For a short period of time, the number of new petrol stations in Malta was on the decline but recently this trend has reversed, undoubtedly as a result of the Planning Authority 2015 Fuel Service Station Policy.
New petrol stations are mushrooming all over the place, and not only is it easier to obtain a development permit to construct a petrol station but you get the added “concession” to ruin up to 3,000 square metres of surrounding land.
Those proposing the development of new petrol stations claim to be doing us a favour. They argue that the increasing number of cars on the road necessitates more and more petrol stations. The number of petrol stations in the Maltese islands currently stands at around 80 and new ones are mushrooming, undoubtedly fuelled by the 3,000 square metres permissible footprint in the 2015 planning policy.
It is submitted that the policy on the development of fuel stations should complement the policy on the phasing out of internal combustion engines and an immediate moratorium on the development of new petrol stations is essential.
During the 2017 General Election campaign, Alternattiva Demokratika proposed the phasing out of vehicles running on internal combustion engines in Malta over a 20-year period. This time-frame was deemed sufficient to develop an infrastructure for electric-driven cars. It was also deemed to be a reasonable time-frame to permit those who possessed vehicles running on internal combustion engines to adjust to a new reality without petrol or diesel.
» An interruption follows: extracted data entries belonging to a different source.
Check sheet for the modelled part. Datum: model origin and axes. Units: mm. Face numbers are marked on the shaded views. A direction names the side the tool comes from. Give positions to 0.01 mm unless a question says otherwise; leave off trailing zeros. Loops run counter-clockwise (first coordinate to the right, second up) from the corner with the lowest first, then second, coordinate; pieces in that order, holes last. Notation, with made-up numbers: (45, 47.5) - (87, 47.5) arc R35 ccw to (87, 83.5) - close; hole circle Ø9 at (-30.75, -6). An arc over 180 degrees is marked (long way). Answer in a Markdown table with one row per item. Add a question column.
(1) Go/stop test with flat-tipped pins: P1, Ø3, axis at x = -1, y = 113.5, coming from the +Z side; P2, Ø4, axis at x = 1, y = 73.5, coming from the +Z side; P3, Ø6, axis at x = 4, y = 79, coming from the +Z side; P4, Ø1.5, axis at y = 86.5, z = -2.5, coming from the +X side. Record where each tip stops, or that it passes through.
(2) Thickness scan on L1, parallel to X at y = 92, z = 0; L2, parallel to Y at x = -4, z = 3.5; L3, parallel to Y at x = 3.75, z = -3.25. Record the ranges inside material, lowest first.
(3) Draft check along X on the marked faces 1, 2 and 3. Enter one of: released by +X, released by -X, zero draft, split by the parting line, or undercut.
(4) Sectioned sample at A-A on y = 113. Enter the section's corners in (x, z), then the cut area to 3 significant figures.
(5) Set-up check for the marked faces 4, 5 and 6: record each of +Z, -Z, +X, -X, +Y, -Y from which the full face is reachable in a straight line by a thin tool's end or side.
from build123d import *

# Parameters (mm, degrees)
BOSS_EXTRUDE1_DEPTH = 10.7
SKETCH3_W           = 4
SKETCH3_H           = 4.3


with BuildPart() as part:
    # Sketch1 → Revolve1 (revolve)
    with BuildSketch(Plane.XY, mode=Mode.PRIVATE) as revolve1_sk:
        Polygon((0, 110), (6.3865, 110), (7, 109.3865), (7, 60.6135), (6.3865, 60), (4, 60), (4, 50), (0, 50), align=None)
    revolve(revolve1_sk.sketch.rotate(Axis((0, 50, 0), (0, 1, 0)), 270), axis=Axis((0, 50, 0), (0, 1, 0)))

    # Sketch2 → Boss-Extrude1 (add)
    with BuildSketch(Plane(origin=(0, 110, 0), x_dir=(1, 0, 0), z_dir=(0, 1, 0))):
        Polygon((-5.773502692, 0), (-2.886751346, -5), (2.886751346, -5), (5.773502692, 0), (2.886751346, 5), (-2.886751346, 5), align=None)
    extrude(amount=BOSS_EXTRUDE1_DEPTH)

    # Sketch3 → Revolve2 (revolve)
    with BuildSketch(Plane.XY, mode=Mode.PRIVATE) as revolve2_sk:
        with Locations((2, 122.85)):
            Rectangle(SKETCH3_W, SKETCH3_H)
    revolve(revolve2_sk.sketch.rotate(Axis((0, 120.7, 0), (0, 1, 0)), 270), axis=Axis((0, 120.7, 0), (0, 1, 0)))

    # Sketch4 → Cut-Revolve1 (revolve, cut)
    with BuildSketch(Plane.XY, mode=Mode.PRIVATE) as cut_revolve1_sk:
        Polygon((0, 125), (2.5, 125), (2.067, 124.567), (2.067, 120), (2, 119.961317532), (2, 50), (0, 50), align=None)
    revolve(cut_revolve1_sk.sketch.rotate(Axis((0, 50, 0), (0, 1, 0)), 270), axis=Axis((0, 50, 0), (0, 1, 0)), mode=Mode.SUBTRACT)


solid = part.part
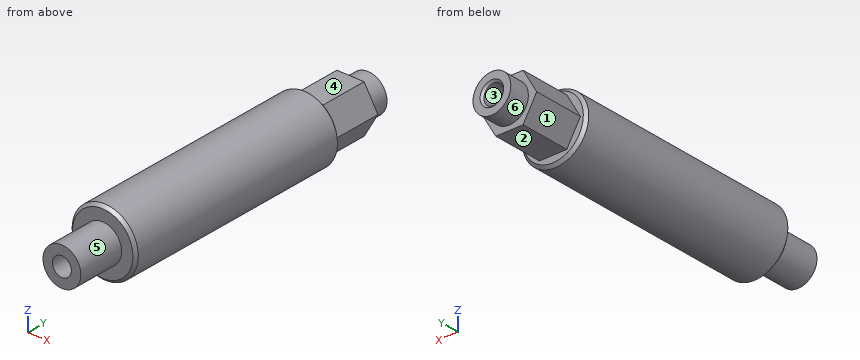
Reply:
| question | item | result |
|---|---|---|
| 1 | P1 | z = 5 |
| 1 | P2 | z = 7 |
| 1 | P3 | z = 6.93 |
| 1 | P4 | x = 6.78 |
| 2 | L1 | -7 to -2, 2 to 7 |
| 2 | L2 | 60 to 110 |
| 2 | L3 | 60 to 120.7 |
| 3 | face 1 | released by -X |
| 3 | face 2 | zero draft |
| 3 | face 3 | undercut |
| 4 | outline | (-5.77, 0) - (-2.89, -5) - (2.89, -5) - (5.77, 0) - (2.89, 5) - (-2.89, 5) - close; hole circle Ø4 at (0, 0) |
| 4 | area | 74.0 mm^2 |
| 5 | face 4 | +Z, +X, -X, +Y |
| 5 | face 5 | -Y |
| 5 | face 6 | +Y |
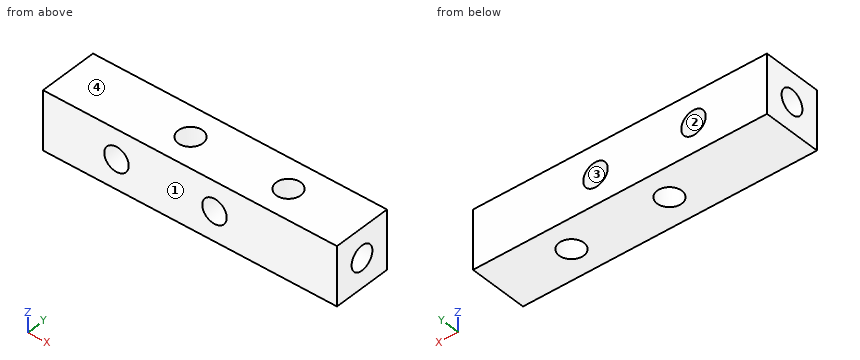
```python
from build123d import *

# Parameters (mm, degrees)
SKETCH_1_W             = 30
SKETCH_1_H             = 6
EXTRUDE_1_DEPTH        = 6
HOLE_WIZARD_M3_1_D     = 2.5
HOLE_WIZARD_M3_2_D     = 2.5
HOLE_WIZARD_M3_3_D     = 2.5
HOLE_WIZARD_M3_3_DEPTH = 4.248924226
HOLE_WIZARD_M3_3_TIP   = 0.751075774
HOLE_WIZARD_M3_4_D     = 2.5
HOLE_WIZARD_M3_4_DEPTH = 4.248924226
HOLE_WIZARD_M3_4_TIP   = 0.751075774


with BuildPart() as part:
    # 草图1 → 凸台-拉伸1 (new body)
    with BuildSketch(Plane(origin=(0, 0, 0), x_dir=(1, 0, 0), z_dir=(0, 1, 0))):
        Rectangle(SKETCH_1_W, SKETCH_1_H)
    extrude(amount=EXTRUDE_1_DEPTH)

    # M3 螺纹孔1 (through all)
    with Locations(Plane.XY.offset(3)):
        with Locations((-2.5, 3), (7.5, 3)):
            Hole(HOLE_WIZARD_M3_1_D / 2)

    # M3 螺纹孔2 (through all)
    with Locations(Plane(origin=(0, 6, 0), x_dir=(1, 0, 0), z_dir=(0, 1, 0))):
        with Locations((2.5, 0), (-7.5, 0)):
            Hole(HOLE_WIZARD_M3_2_D / 2)

    # M3 螺纹孔3
    with Locations(Plane.ZY.offset(15)):
        with Locations((0, 3)):
            Hole(HOLE_WIZARD_M3_3_D / 2, depth=HOLE_WIZARD_M3_3_DEPTH)
            with Locations((0, 0, -(HOLE_WIZARD_M3_3_DEPTH + HOLE_WIZARD_M3_3_TIP / 2))):  # 118° drill point
                Cone(0, HOLE_WIZARD_M3_3_D / 2, HOLE_WIZARD_M3_3_TIP, mode=Mode.SUBTRACT)

    # M3 螺纹孔4
    with Locations(Plane(origin=(15, 0, 0), x_dir=(0, 0, -1), z_dir=(1, 0, 0))):
        with Locations((0, 3)):
            Hole(HOLE_WIZARD_M3_4_D / 2, depth=HOLE_WIZARD_M3_4_DEPTH)
            with Locations((0, 0, -(HOLE_WIZARD_M3_4_DEPTH + HOLE_WIZARD_M3_4_TIP / 2))):  # 118° drill point
                Cone(0, HOLE_WIZARD_M3_4_D / 2, HOLE_WIZARD_M3_4_TIP, mode=Mode.SUBTRACT)


solid = part.part
```
The listing builds one solid part. Answer for the finished solid, in the listing's coordinates (mm). Face numbers are marked on the shaded views. Give positions to 0.01 mm unless a question says otherwise; leave off trailing zeros. Order: outer loops, then holes, each group sorted by start corner. A loop starts at its lowest first (then second) coordinate and runs counter-clockwise, first axis right, second up.
1) Consider line 1 along X through (y, z) = (3.8, 0.7); line 2 along Z through (x, y) = (-7.5, 3.7); line 3 along Y through (x, z) = (12.25, 0). Determine where each line is inside the solid, lowest interval first.
Reported:
line 1: x = -10.64 to -8.54, -6.46 to -3.46, -1.54 to 1.46, 3.54 to 6.54, 8.46 to 10.64
line 2: z = -3 to -1.25, 1.25 to 3
line 3: y = 0 to 1.75, 4.25 to 6
2) Find section C-C on y = 1.5. Write down the section's boundary in (x, z), then the cut area to 3 significant figures.
Reported:
outline: (-15, -3) - (15, -3) - (15, 3) - (-15, 3) - close; hole circle Ø2.5 at (-7.5, 0); hole circle Ø2.5 at (2.5, 0)
area: 170 mm2
3) Find section D-D on x = 11.25. Write down the section's boundary in (y, z).
Reported:
outline: (0, -3) - (6, -3) - (6, 3) - (0, 3) - close; hole circle Ø2.5 at (3, 0)
4) Find section A-A on x = 2.5. Write down the section's boundary in (y, z).
Reported:
outline: (0, -3) - (6, -3) - (6, -1.25) - (0, -1.25) - close; (0, 1.25) - (6, 1.25) - (6, 3) - (0, 3) - close
5) Determine the mould class of the marked faces 1, 2, 3 and 4 for opening direction Z: pulls with the +Z half, pulls with the -Z half, needs draft (parallel to the pull), parting line crosses it, or undercut.
Reported:
face 1: needs draft
face 2: undercut
face 3: undercut
face 4: pulls with the +Z half
6) Find section B-B on z = 1.8. Write down the section's boundary in (x, y), then the cut area to 3 significant figures.
Reported:
outline: (-15, 0) - (15, 0) - (15, 6) - (-15, 6) - close; hole circle Ø2.5 at (-2.5, 3); hole circle Ø2.5 at (7.5, 3)
area: 170 mm2
7) Given P1, Ø2, axis at y = 3, z = 0, coming from the -X side, flat-ended and moving along its own axis, determine where the tip first touches the part or whether it passes through.
Reported:
P1: stops at x = -10.6
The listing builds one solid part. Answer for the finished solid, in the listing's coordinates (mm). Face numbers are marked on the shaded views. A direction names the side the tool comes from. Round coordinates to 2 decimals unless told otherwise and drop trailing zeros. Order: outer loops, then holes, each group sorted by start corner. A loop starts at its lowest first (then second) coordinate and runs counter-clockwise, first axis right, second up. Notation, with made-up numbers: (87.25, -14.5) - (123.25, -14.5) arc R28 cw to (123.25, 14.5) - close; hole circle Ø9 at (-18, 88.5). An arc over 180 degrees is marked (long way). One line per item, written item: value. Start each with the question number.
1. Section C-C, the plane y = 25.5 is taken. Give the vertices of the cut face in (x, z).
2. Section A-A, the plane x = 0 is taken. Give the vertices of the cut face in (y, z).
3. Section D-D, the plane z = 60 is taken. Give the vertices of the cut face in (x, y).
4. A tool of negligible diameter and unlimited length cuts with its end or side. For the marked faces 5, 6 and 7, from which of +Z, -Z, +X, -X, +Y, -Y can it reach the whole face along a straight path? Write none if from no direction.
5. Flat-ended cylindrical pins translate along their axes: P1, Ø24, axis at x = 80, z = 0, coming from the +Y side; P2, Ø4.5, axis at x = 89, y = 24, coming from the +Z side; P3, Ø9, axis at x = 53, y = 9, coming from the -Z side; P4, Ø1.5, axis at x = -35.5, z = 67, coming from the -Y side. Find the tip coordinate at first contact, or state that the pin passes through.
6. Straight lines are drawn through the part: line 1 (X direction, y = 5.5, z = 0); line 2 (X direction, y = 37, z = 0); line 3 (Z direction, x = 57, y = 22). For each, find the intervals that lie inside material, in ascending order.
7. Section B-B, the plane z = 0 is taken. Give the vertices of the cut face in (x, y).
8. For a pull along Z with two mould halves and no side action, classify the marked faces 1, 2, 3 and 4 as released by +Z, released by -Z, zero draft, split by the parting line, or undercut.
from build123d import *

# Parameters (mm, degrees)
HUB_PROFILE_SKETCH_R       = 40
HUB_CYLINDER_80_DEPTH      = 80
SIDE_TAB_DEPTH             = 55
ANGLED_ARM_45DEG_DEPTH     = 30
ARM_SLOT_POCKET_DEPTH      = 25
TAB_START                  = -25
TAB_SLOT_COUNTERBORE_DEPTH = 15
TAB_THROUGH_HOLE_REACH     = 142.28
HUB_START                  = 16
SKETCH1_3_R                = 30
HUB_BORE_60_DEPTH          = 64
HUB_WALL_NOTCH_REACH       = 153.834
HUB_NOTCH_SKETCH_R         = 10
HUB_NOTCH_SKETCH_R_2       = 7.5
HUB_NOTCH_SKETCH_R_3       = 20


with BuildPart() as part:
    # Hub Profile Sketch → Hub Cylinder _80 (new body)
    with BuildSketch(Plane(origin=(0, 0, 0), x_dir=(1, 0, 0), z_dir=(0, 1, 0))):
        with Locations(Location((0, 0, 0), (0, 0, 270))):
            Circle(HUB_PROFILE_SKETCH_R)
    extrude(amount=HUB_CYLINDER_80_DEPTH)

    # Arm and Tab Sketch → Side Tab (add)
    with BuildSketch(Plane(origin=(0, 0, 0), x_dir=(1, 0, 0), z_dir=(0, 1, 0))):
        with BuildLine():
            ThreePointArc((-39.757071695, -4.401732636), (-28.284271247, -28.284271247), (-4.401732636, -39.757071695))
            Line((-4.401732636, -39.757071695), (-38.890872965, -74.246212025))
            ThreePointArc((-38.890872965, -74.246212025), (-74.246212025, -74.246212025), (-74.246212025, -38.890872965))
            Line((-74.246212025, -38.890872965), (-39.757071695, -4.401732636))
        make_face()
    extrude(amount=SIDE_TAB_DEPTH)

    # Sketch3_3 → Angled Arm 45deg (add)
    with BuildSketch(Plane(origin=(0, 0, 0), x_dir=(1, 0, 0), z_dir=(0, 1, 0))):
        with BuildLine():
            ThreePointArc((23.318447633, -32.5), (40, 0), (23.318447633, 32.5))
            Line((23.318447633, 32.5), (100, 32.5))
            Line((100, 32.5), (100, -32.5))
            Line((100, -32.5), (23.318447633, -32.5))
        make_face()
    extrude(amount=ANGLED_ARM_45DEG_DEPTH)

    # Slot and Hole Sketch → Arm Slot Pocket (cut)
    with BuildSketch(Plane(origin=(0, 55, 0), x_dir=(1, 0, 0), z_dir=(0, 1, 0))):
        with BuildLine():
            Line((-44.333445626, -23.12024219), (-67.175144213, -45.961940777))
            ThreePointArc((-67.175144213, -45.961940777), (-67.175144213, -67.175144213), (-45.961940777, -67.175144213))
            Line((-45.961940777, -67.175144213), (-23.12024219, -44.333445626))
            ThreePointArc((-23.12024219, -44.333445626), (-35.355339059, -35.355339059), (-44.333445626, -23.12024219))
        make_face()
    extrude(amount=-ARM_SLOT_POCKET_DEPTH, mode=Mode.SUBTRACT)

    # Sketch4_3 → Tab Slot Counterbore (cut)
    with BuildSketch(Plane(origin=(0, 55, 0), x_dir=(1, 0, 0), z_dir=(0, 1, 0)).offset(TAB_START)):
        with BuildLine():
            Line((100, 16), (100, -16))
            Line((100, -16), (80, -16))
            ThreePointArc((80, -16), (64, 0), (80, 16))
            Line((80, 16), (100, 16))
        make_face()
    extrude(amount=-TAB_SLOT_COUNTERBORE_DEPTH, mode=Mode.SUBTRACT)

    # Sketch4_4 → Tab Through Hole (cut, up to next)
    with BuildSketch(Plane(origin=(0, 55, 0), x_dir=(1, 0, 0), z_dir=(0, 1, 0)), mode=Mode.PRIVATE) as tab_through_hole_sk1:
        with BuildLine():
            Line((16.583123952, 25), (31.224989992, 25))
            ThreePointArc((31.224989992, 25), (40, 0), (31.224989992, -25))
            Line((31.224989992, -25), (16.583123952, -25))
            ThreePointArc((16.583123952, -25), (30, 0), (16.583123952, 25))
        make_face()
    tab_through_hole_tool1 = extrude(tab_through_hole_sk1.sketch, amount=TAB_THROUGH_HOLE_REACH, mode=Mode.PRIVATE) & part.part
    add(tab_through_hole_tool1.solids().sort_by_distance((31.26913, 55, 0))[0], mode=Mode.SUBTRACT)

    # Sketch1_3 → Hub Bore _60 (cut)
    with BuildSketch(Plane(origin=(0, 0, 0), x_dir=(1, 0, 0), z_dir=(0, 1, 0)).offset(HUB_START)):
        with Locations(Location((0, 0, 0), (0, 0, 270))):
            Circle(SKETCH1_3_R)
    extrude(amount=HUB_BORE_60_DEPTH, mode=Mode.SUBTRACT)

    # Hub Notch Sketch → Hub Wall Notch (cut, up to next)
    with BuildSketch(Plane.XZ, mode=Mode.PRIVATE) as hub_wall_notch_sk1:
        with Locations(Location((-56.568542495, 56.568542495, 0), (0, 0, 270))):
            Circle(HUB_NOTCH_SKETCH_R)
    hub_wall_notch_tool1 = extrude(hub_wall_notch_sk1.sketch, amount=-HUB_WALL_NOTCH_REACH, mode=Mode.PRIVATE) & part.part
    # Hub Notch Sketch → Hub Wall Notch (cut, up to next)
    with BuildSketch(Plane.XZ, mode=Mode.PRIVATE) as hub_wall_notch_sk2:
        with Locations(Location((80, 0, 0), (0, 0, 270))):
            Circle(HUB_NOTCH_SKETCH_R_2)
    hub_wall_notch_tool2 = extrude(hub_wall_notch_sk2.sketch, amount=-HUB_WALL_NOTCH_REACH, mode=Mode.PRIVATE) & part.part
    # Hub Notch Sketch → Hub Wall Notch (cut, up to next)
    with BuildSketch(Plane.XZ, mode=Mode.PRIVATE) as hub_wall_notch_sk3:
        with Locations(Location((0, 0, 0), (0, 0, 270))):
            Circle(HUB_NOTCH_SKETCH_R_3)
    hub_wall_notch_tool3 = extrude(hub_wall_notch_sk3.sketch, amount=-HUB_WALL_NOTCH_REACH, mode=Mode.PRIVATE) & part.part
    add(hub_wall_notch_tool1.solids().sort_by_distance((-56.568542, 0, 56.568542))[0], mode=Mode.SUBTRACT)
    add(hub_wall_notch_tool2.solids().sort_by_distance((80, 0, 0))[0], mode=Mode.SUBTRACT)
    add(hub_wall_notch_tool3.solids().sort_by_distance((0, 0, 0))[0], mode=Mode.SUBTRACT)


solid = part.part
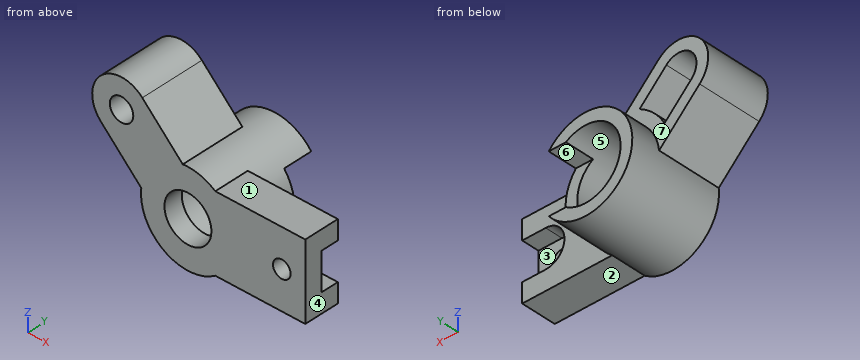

This position was also taken up by the Labour government in Malta after the June election. However the details have not yet been determined.
Various other countries have decided on, or are considering, eliminating internal combustion engine driven vehicles from their roads, including Norway (by 2025), the Netherlands (by 2025), Germany (by 2030), France (by 2040), the United Kingdom (by 2040), India (by 2040) and China (by 2040). Others will soon inevitably follow.
In addition, car manufacturers are considering shifting to a manufacturing mode that will only produce hybrid or fully electric cars. Volvo will proceed on such a path by 2019 and no doubt others will follow fast on Volvo’s heels.
Within this context, does it make any sense to continue issuing development permits for more petrol stations?
We need an in-depth examination of transport related policies. It is clear to everyone that our roads are bursting at the seams and that the further development of our road infrastructure is opening up our roads to more cars, as a consequence adding to our pollution problems and simultaneously making our accessibility worse.
An overhaul of Malta’s transport policies should seek to promote sustainable transport policies thereby reducing the number of cars on our roads.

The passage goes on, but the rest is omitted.